Scientists at Lawrence Livermore National Laboratory have discovered how to help E. coli bacteria squirt out advanced biofuels, and the key is held by a pair of genes found in a soil-dwelling bacterium from a rainforest in Puerto Rico. The finding could enable the lab to shoot through a bottleneck that has been stumping researchers, who have been trying to figure out how to make E. coli survive a catch-22 in the biofuel production process.

For those of you keeping score at home the bacterium from Puerto Rico is Enterobacter lignolyticus, and if you’re wondering how this bug came across the lab’s radar out of all the other microbes in the world, that’s a good question. Rainforest soils are known as fertile harbors for microorganisms that can break down lignin (the tough outer walls of plant cells) in an anaerobic (oxygen-free) environment, and researchers poked around in rainforest soils until they found a likely prospect.

E coli biofuel breakthrough

E. coli biofuel breakthrough (cropped) courtesy of LLNL.

The E. Coli Biofuel Catch-22

Lawrence Livermore researchers have developed a biofuel strategy based on ionic liquids, which refers to salts in liquid form.

Ionic liquids are used to extract cellulose from biomass which is all well and good in terms cost-effectiveness for the initial stages of biofuel production,  but there’s a catch.

The bottleneck pops up when the next stage comes along, in which E. coli microbes are used to break down the cellulose into sugars. E. coli can convert those sugars into biofuels under certain conditions, but a salty environment is not optimal for strains native to the U.S.
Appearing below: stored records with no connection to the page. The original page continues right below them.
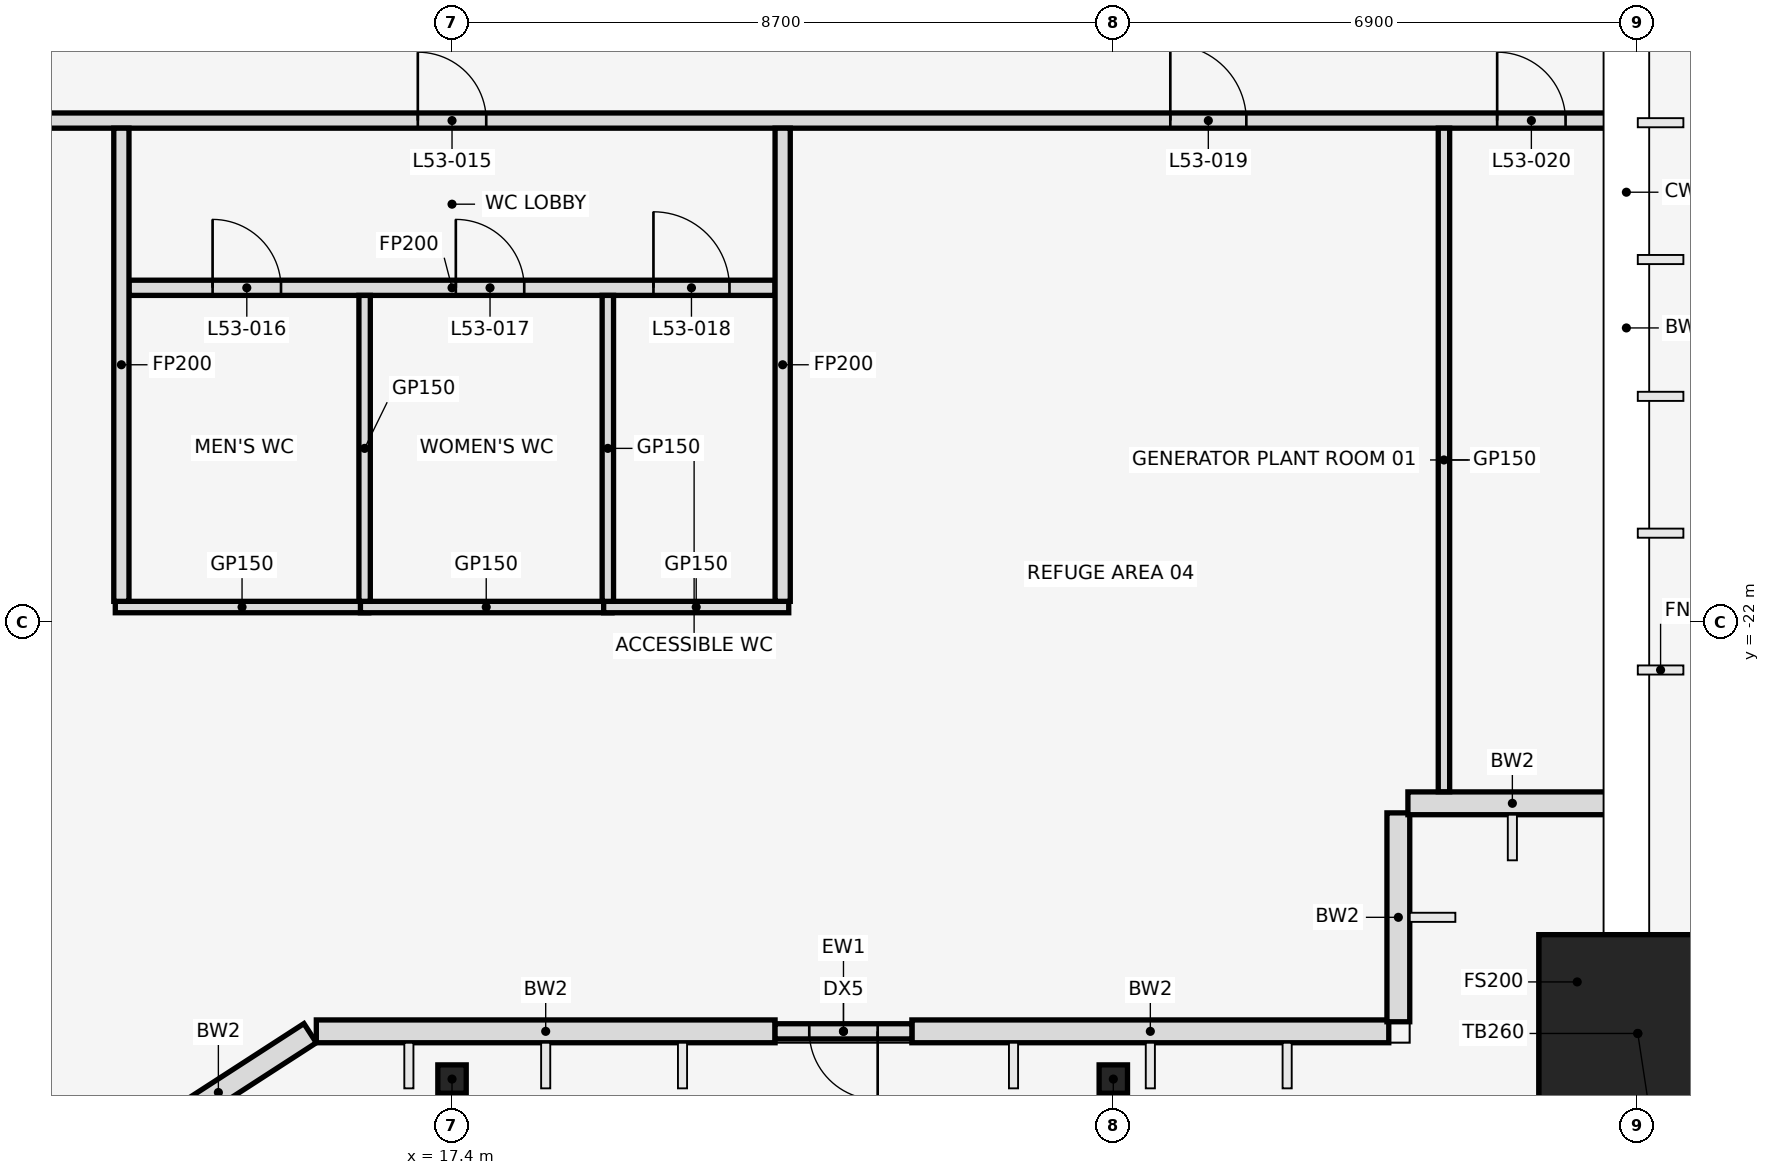
"""IFC4 building model, lengths in metres.
Left out: names, types, materials, properties, quantities, classifications, styles, units other than length and angle.
Written with IfcOpenShell. Run it as: python <this file> out.ifc"""

import sys

from ifc_helpers import new_model, si_unit, direction, frame, frame_2d, origin, origin_2d, place, context, subcontext, project, spatial, rectangle, hollow_rectangle, i_section, extrude, element, fill, save


model = new_model("IFC4")
c1 = context("Model", 3, precision=1e-05, world=origin(), true_north=direction((0.0, 1.0)))
c2 = subcontext(c1, "Body", "Model", "MODEL_VIEW")
j1 = project(units=[si_unit("LENGTHUNIT", "METRE"), si_unit("PLANEANGLEUNIT", "RADIAN")], contexts=[c1])
p1 = place(None, origin())
s1 = spatial("IfcSite", under=j1, at=p1, CompositionType="ELEMENT")
p2 = place(p1, origin())
s2 = spatial("IfcBuilding", under=s1, at=p2, CompositionType="ELEMENT")
p3 = place(p2, frame((0.0, 0.0, 236.0)))
s3 = spatial("IfcBuildingStorey", under=s2, at=p3, CompositionType="ELEMENT", Elevation=236.0)
for number, where, z_axis, x_axis in (
    (1, (17.4, -28.01, 0.0), (0.0, 0.0, 1.0), (1.0, 0.0, 0.0)),
    (2, (26.1, -28.01, 0.0), (0.0, 0.0, 1.0), (1.0, 0.0, 0.0)),
):
    element("IfcColumn", number, at=place(p3, frame(where, z_axis=z_axis, x_axis=x_axis)), inside=s3, PredefinedType="COLUMN", context=c2, shape_type="SweptSolid", body=[
        extrude(i_section(OverallWidth=0.373, OverallDepth=0.373, WebThickness=0.016, FlangeThickness=0.026, at=origin_2d()), origin(), (0.0, 0.0, 1.0), 5.4),
    ])
p4 = place(p3, frame((33.0, -27.41, 0.0), z_axis=(0.0, 0.0, 1.0), x_axis=(1.0, 0.0, 0.0)))
e3 = element("IfcColumn", 3, at=p4, inside=s3, PredefinedType="COLUMN", context=c2, shape_type="SweptSolid", body=[
    extrude(hollow_rectangle(XDim=2.6, YDim=2.6, WallThickness=0.07, at=origin_2d()), origin(), (0.0, 0.0, 1.0), 4.98),
])
p5 = place(p3, frame((33.0, -27.41, 4.98), z_axis=(0.0, 0.0, 1.0), x_axis=(1.0, 0.0, 0.0)))
e4 = element("IfcColumn", 4, at=p5, inside=s3, PredefinedType="COLUMN", context=c2, shape_type="SweptSolid", body=[
    extrude(rectangle(XDim=2.6, YDim=2.6, at=origin_2d()), origin(), (0.0, 0.0, 1.0), 0.42),
])
p6 = place(p3, frame((32.85, -24.256, 0.0), z_axis=(0.0, 0.0, 1.0), x_axis=(0.0, 1.0, 0.0)))
e5 = element("IfcWall", 5, at=p6, inside=s3, PredefinedType="STANDARD", context=c2, shape_type="SweptSolid", body=[
    extrude(rectangle(XDim=12.256, YDim=0.3, at=frame_2d((6.128, 0.0))), origin(), (0.0, 0.0, 1.0), 4.338),
])
p7 = place(p3, frame((13.119, -28.967, 0.0), z_axis=(0.0, 0.0, 1.0), x_axis=(0.839779682339, 0.542927329512, 0.0)))
e6 = element("IfcWall", 6, at=p7, inside=s3, PredefinedType="STANDARD", context=c2, shape_type="SweptSolid", body=[
    extrude(rectangle(XDim=2.875, YDim=0.3, at=frame_2d((1.438, 0.0))), origin(), (0.0, 0.0, 1.0), 4.496),
])
p8 = place(p3, frame((15.615, -27.382, 0.0), z_axis=(0.0, 0.0, 1.0), x_axis=(1.0, 0.0, 0.0)))
e7 = element("IfcWall", 7, at=p8, inside=s3, PredefinedType="STANDARD", context=c2, shape_type="SweptSolid", body=[
    extrude(rectangle(XDim=6.035, YDim=0.3, at=frame_2d((3.018, 0.0))), origin(), (0.0, 0.0, 1.0), 4.572),
])
p9 = place(p3, frame((23.45, -27.382, 0.0), z_axis=(0.0, 0.0, 1.0), x_axis=(1.0, 0.0, 0.0)))
e8 = element("IfcWall", 8, at=p9, inside=s3, PredefinedType="STANDARD", context=c2, shape_type="SweptSolid", body=[
    extrude(rectangle(XDim=6.274, YDim=0.3, at=frame_2d((3.137, 0.0))), origin(), (0.0, 0.0, 1.0), 4.572),
])
for number, where, z_axis, x_axis in (
    (9, (29.85, -27.256, 0.0), (0.0, 0.0, 1.0), (0.0, 1.0, 0.0)),
    (10, (29.976, -24.382, 0.0), (0.0, 0.0, 1.0), (1.0, 0.0, 0.0)),
):
    element("IfcWall", number, at=place(p3, frame(where, z_axis=z_axis, x_axis=x_axis)), inside=s3, PredefinedType="STANDARD", context=c2, shape_type="SweptSolid", body=[
        extrude(rectangle(XDim=2.748, YDim=0.3, at=frame_2d((1.374, 0.0))), origin(), (0.0, 0.0, 1.0), 4.572),
    ])
p10 = place(p3, frame((23.45, -27.382, 0.0), z_axis=(0.0, 0.0, 1.0), x_axis=(-1.0, 0.0, 0.0)))
e11 = element("IfcWall", 11, at=p10, inside=s3, PredefinedType="STANDARD", context=c2, shape_type="SweptSolid", body=[
    extrude(rectangle(XDim=1.8, YDim=0.2, at=frame_2d((0.9, 0.0))), origin(), (0.0, 0.0, 1.0), 5.25),
])
p11 = place(p10, frame((0.45, 0.0, 0.0)))
e12 = element("IfcOpeningElement", 12, at=p11, cuts=e11, PredefinedType="OPENING", context=c2, shape_type="SweptSolid", body=[
    extrude(rectangle(XDim=0.9, YDim=2.1, at=frame_2d((0.45, 1.05))), frame((0.0, 0.112, 0.0), z_axis=(0.0, -1.0, 0.0), x_axis=(1.0, 0.0, 0.0)), (0.0, 0.0, 1.0), 0.224),
])
p12 = place(p3, frame((12.97, -21.8, 0.0), z_axis=(0.0, 0.0, 1.0), x_axis=(1.0, 0.0, 0.0)))
e13 = element("IfcWall", 13, at=p12, inside=s3, PredefinedType="PARTITIONING", context=c2, shape_type="SweptSolid", body=[
    extrude(rectangle(XDim=3.335, YDim=0.15, at=frame_2d((1.667, 0.0))), origin(), (0.0, 0.0, 1.0), 4.318),
])
p13 = place(p3, frame((16.195, -21.8, 0.0), z_axis=(0.0, 0.0, 1.0), x_axis=(1.0, 0.0, 0.0)))
e14 = element("IfcWall", 14, at=p13, inside=s3, PredefinedType="PARTITIONING", context=c2, shape_type="SweptSolid", body=[
    extrude(rectangle(XDim=3.31, YDim=0.15, at=frame_2d((1.655, 0.0))), origin(), (0.0, 0.0, 1.0), 4.318),
])
p14 = place(p3, frame((19.395, -21.8, 0.0), z_axis=(0.0, 0.0, 1.0), x_axis=(1.0, 0.0, 0.0)))
e15 = element("IfcWall", 15, at=p14, inside=s3, PredefinedType="PARTITIONING", context=c2, shape_type="SweptSolid", body=[
    extrude(rectangle(XDim=2.435, YDim=0.15, at=frame_2d((1.218, 0.0))), origin(), (0.0, 0.0, 1.0), 4.318),
])
p15 = place(p3, frame((13.15, -17.6, 0.0), z_axis=(0.0, 0.0, 1.0), x_axis=(1.0, 0.0, 0.0)))
e16 = element("IfcWall", 16, at=p15, inside=s3, PredefinedType="PARTITIONING", context=c2, shape_type="SweptSolid", body=[
    extrude(rectangle(XDim=8.5, YDim=0.2, at=frame_2d((4.25, 0.0))), origin(), (0.0, 0.0, 1.0), 4.318),
])
p16 = place(p15, frame((1.1, 0.0, 0.0)))
e17 = element("IfcOpeningElement", 17, at=p16, cuts=e16, PredefinedType="OPENING", context=c2, shape_type="SweptSolid", body=[
    extrude(rectangle(XDim=0.9, YDim=2.1, at=frame_2d((0.45, 1.05))), frame((0.0, 0.112, 0.0), z_axis=(0.0, -1.0, 0.0), x_axis=(1.0, 0.0, 0.0)), (0.0, 0.0, 1.0), 0.224),
])
p17 = place(p15, frame((4.3, 0.0, 0.0)))
e18 = element("IfcOpeningElement", 18, at=p17, cuts=e16, PredefinedType="OPENING", context=c2, shape_type="SweptSolid", body=[
    extrude(rectangle(XDim=0.9, YDim=2.1, at=frame_2d((0.45, 1.05))), frame((0.0, 0.112, 0.0), z_axis=(0.0, -1.0, 0.0), x_axis=(1.0, 0.0, 0.0)), (0.0, 0.0, 1.0), 0.224),
])
p18 = place(p15, frame((6.9, 0.0, 0.0)))
e19 = element("IfcOpeningElement", 19, at=p18, cuts=e16, PredefinedType="OPENING", context=c2, shape_type="SweptSolid", body=[
    extrude(rectangle(XDim=1.0, YDim=2.1, at=frame_2d((0.5, 1.05))), frame((0.0, 0.112, 0.0), z_axis=(0.0, -1.0, 0.0), x_axis=(1.0, 0.0, 0.0)), (0.0, 0.0, 1.0), 0.224),
])
p19 = place(p3, frame((-32.7, -15.4, 0.0), z_axis=(0.0, 0.0, 1.0), x_axis=(1.0, 0.0, 0.0)))
e20 = element("IfcWall", 20, at=p19, inside=s3, PredefinedType="PARTITIONING", context=c2, shape_type="SweptSolid", body=[
    extrude(rectangle(XDim=65.4, YDim=0.2, at=frame_2d((32.7, 0.0))), origin(), (0.0, 0.0, 1.0), 4.318),
])
p20 = place(p19, frame((0.7, 0.0, 0.0)))
e21 = element("IfcOpeningElement", 21, at=p20, cuts=e20, PredefinedType="OPENING", context=c2, shape_type="SweptSolid", body=[
    extrude(rectangle(XDim=0.9, YDim=2.1, at=frame_2d((0.45, 1.05))), frame((0.0, 0.112, 0.0), z_axis=(0.0, -1.0, 0.0), x_axis=(1.0, 0.0, 0.0)), (0.0, 0.0, 1.0), 0.224),
])
p21 = place(p19, frame((4.85, 0.0, 0.0)))
e22 = element("IfcOpeningElement", 22, at=p21, cuts=e20, PredefinedType="OPENING", context=c2, shape_type="SweptSolid", body=[
    extrude(rectangle(XDim=1.0, YDim=2.1, at=frame_2d((0.5, 1.05))), frame((0.0, 0.112, 0.0), z_axis=(0.0, -1.0, 0.0), x_axis=(1.0, 0.0, 0.0)), (0.0, 0.0, 1.0), 0.224),
])
p22 = place(p19, frame((14.85, 0.0, 0.0)))
e23 = element("IfcOpeningElement", 23, at=p22, cuts=e20, PredefinedType="OPENING", context=c2, shape_type="SweptSolid", body=[
    extrude(rectangle(XDim=1.0, YDim=2.1, at=frame_2d((0.5, 1.05))), frame((0.0, 0.112, 0.0), z_axis=(0.0, -1.0, 0.0), x_axis=(1.0, 0.0, 0.0)), (0.0, 0.0, 1.0), 0.224),
])
p23 = place(p19, frame((23.55, 0.0, 0.0)))
e24 = element("IfcOpeningElement", 24, at=p23, cuts=e20, PredefinedType="OPENING", context=c2, shape_type="SweptSolid", body=[
    extrude(rectangle(XDim=1.0, YDim=2.1, at=frame_2d((0.5, 1.05))), frame((0.0, 0.112, 0.0), z_axis=(0.0, -1.0, 0.0), x_axis=(1.0, 0.0, 0.0)), (0.0, 0.0, 1.0), 0.224),
])
p24 = place(p19, frame((34.4, 0.0, 0.0)))
e25 = element("IfcOpeningElement", 25, at=p24, cuts=e20, PredefinedType="OPENING", context=c2, shape_type="SweptSolid", body=[
    extrude(rectangle(XDim=1.0, YDim=2.1, at=frame_2d((0.5, 1.05))), frame((0.0, 0.112, 0.0), z_axis=(0.0, -1.0, 0.0), x_axis=(1.0, 0.0, 0.0)), (0.0, 0.0, 1.0), 0.224),
])
p25 = place(p19, frame((40.95, 0.0, 0.0)))
e26 = element("IfcOpeningElement", 26, at=p25, cuts=e20, PredefinedType="OPENING", context=c2, shape_type="SweptSolid", body=[
    extrude(rectangle(XDim=1.0, YDim=2.1, at=frame_2d((0.5, 1.05))), frame((0.0, 0.112, 0.0), z_axis=(0.0, -1.0, 0.0), x_axis=(1.0, 0.0, 0.0)), (0.0, 0.0, 1.0), 0.224),
])
p26 = place(p19, frame((49.65, 0.0, 0.0)))
e27 = element("IfcOpeningElement", 27, at=p26, cuts=e20, PredefinedType="OPENING", context=c2, shape_type="SweptSolid", body=[
    extrude(rectangle(XDim=0.9, YDim=2.1, at=frame_2d((0.45, 1.05))), frame((0.0, 0.112, 0.0), z_axis=(0.0, -1.0, 0.0), x_axis=(1.0, 0.0, 0.0)), (0.0, 0.0, 1.0), 0.224),
])
p27 = place(p19, frame((59.55, 0.0, 0.0)))
e28 = element("IfcOpeningElement", 28, at=p27, cuts=e20, PredefinedType="OPENING", context=c2, shape_type="SweptSolid", body=[
    extrude(rectangle(XDim=1.0, YDim=2.1, at=frame_2d((0.5, 1.05))), frame((0.0, 0.112, 0.0), z_axis=(0.0, -1.0, 0.0), x_axis=(1.0, 0.0, 0.0)), (0.0, 0.0, 1.0), 0.224),
])
p28 = place(p19, frame((63.85, 0.0, 0.0)))
e29 = element("IfcOpeningElement", 29, at=p28, cuts=e20, PredefinedType="OPENING", context=c2, shape_type="SweptSolid", body=[
    extrude(rectangle(XDim=0.9, YDim=2.1, at=frame_2d((0.45, 1.05))), frame((0.0, 0.112, 0.0), z_axis=(0.0, -1.0, 0.0), x_axis=(1.0, 0.0, 0.0)), (0.0, 0.0, 1.0), 0.224),
])
p29 = place(p3, frame((13.05, -21.725, 0.0), z_axis=(0.0, 0.0, 1.0), x_axis=(0.0, 1.0, 0.0)))
e30 = element("IfcWall", 30, at=p29, inside=s3, PredefinedType="PARTITIONING", context=c2, shape_type="SweptSolid", body=[
    extrude(rectangle(XDim=6.225, YDim=0.2, at=frame_2d((3.113, 0.0))), origin(), (0.0, 0.0, 1.0), 4.318),
])
for number, where, z_axis, x_axis in (
    (31, (16.25, -21.725, 0.0), (0.0, 0.0, 1.0), (0.0, 1.0, 0.0)),
    (32, (19.45, -21.725, 0.0), (0.0, 0.0, 1.0), (0.0, 1.0, 0.0)),
):
    element("IfcWall", number, at=place(p3, frame(where, z_axis=z_axis, x_axis=x_axis)), inside=s3, PredefinedType="PARTITIONING", context=c2, shape_type="SweptSolid", body=[
        extrude(rectangle(XDim=4.025, YDim=0.15, at=frame_2d((2.013, 0.0))), origin(), (0.0, 0.0, 1.0), 4.318),
    ])
p30 = place(p3, frame((21.75, -21.725, 0.0), z_axis=(0.0, 0.0, 1.0), x_axis=(0.0, 1.0, 0.0)))
e33 = element("IfcWall", 33, at=p30, inside=s3, PredefinedType="PARTITIONING", context=c2, shape_type="SweptSolid", body=[
    extrude(rectangle(XDim=6.225, YDim=0.2, at=frame_2d((3.113, 0.0))), origin(), (0.0, 0.0, 1.0), 4.318),
])
p31 = place(p3, frame((30.45, -24.23, 0.0), z_axis=(0.0, 0.0, 1.0), x_axis=(0.0, 1.0, 0.0)))
e34 = element("IfcWall", 34, at=p31, inside=s3, PredefinedType="PARTITIONING", context=c2, shape_type="SweptSolid", body=[
    extrude(rectangle(XDim=8.73, YDim=0.15, at=frame_2d((4.365, 0.0))), origin(), (0.0, 0.0, 1.0), 4.318),
])
p32 = place(p11, origin())
e35 = element("IfcDoor", 35, at=p32, inside=s3, OperationType="SINGLE_SWING_LEFT", PredefinedType="DOOR", context=c2, shape_type="SweptSolid", body=[
    extrude(rectangle(XDim=0.9, YDim=2.1, at=frame_2d((0.45, 1.05))), frame((0.0, 0.025, 0.0), z_axis=(0.0, -1.0, 0.0), x_axis=(1.0, 0.0, 0.0)), (0.0, 0.0, 1.0), 0.05),
])
fill(e12, e35)
p33 = place(p26, frame((0.9, 0.0, 0.0), z_axis=(0.0, 0.0, 1.0), x_axis=(-1.0, 0.0, 0.0)))
e36 = element("IfcDoor", 36, at=p33, inside=s3, OperationType="SINGLE_SWING_RIGHT", PredefinedType="DOOR", context=c2, shape_type="SweptSolid", body=[
    extrude(rectangle(XDim=0.9, YDim=2.1, at=frame_2d((0.45, 1.05))), frame((0.0, 0.025, 0.0), z_axis=(0.0, -1.0, 0.0), x_axis=(1.0, 0.0, 0.0)), (0.0, 0.0, 1.0), 0.05),
])
fill(e27, e36)
p34 = place(p16, frame((0.9, 0.0, 0.0), z_axis=(0.0, 0.0, 1.0), x_axis=(-1.0, 0.0, 0.0)))
e37 = element("IfcDoor", 37, at=p34, inside=s3, OperationType="SINGLE_SWING_LEFT", PredefinedType="DOOR", context=c2, shape_type="SweptSolid", body=[
    extrude(rectangle(XDim=0.9, YDim=2.1, at=frame_2d((0.45, 1.05))), frame((0.0, 0.025, 0.0), z_axis=(0.0, -1.0, 0.0), x_axis=(1.0, 0.0, 0.0)), (0.0, 0.0, 1.0), 0.05),
])
fill(e17, e37)
p35 = place(p17, frame((0.9, 0.0, 0.0), z_axis=(0.0, 0.0, 1.0), x_axis=(-1.0, 0.0, 0.0)))
e38 = element("IfcDoor", 38, at=p35, inside=s3, OperationType="SINGLE_SWING_RIGHT", PredefinedType="DOOR", context=c2, shape_type="SweptSolid", body=[
    extrude(rectangle(XDim=0.9, YDim=2.1, at=frame_2d((0.45, 1.05))), frame((0.0, 0.025, 0.0), z_axis=(0.0, -1.0, 0.0), x_axis=(1.0, 0.0, 0.0)), (0.0, 0.0, 1.0), 0.05),
])
fill(e18, e38)
p36 = place(p18, frame((1.0, 0.0, 0.0), z_axis=(0.0, 0.0, 1.0), x_axis=(-1.0, 0.0, 0.0)))
e39 = element("IfcDoor", 39, at=p36, inside=s3, OperationType="SINGLE_SWING_RIGHT", PredefinedType="DOOR", context=c2, shape_type="SweptSolid", body=[
    extrude(rectangle(XDim=1.0, YDim=2.1, at=frame_2d((0.5, 1.05))), frame((0.0, 0.025, 0.0), z_axis=(0.0, -1.0, 0.0), x_axis=(1.0, 0.0, 0.0)), (0.0, 0.0, 1.0), 0.05),
])
fill(e19, e39)
p37 = place(p27, frame((1.0, 0.0, 0.0), z_axis=(0.0, 0.0, 1.0), x_axis=(-1.0, 0.0, 0.0)))
e40 = element("IfcDoor", 40, at=p37, inside=s3, OperationType="SINGLE_SWING_LEFT", PredefinedType="DOOR", context=c2, shape_type="SweptSolid", body=[
    extrude(rectangle(XDim=1.0, YDim=2.1, at=frame_2d((0.5, 1.05))), frame((0.0, 0.025, 0.0), z_axis=(0.0, -1.0, 0.0), x_axis=(1.0, 0.0, 0.0)), (0.0, 0.0, 1.0), 0.05),
])
fill(e28, e40)
p38 = place(p28, frame((0.9, 0.0, 0.0), z_axis=(0.0, 0.0, 1.0), x_axis=(-1.0, 0.0, 0.0)))
e41 = element("IfcDoor", 41, at=p38, inside=s3, OperationType="SINGLE_SWING_RIGHT", PredefinedType="DOOR", context=c2, shape_type="SweptSolid", body=[
    extrude(rectangle(XDim=0.9, YDim=2.1, at=frame_2d((0.45, 1.05))), frame((0.0, 0.025, 0.0), z_axis=(0.0, -1.0, 0.0), x_axis=(1.0, 0.0, 0.0)), (0.0, 0.0, 1.0), 0.05),
])
fill(e29, e41)
save(model, sys.argv[1])

To work around that you have to subject the cellulose to a series of washings before you get to the fermentation stage, and that of course increases the cost of the process.

The alternative is to fortify E. coli against the toxic properties of ionic liquids, and that where the pair of genes from Enterobacter lignolyticus comes in.

So far, the team has succeeded in boosting production of a terpene-based biofuel with E. coli modified by the new genes.

The team also found that the microbe-based approach resulted in a boost for overall efficiency because with the ionic liquid remaining in the process, other less productive microbes are unable to survive and compete with the enhanced E. coli.

We Built This Amazing Biofuel-Producing Bug!

Since Livermore is a federal lab, you won’t be surprised to know that us taxpayers have footed the bill for this research, through the Department of Energy’s Office of Science.

It’s also worth noting that even before the introduction of the new genes, this particular strain of E. coli had been engineered to digest cellulosic biomass from switchgrass by researchers with the Joint Bioenergy Institute (JBEI), which is headed up by the Energy Department’s Berkeley Lab.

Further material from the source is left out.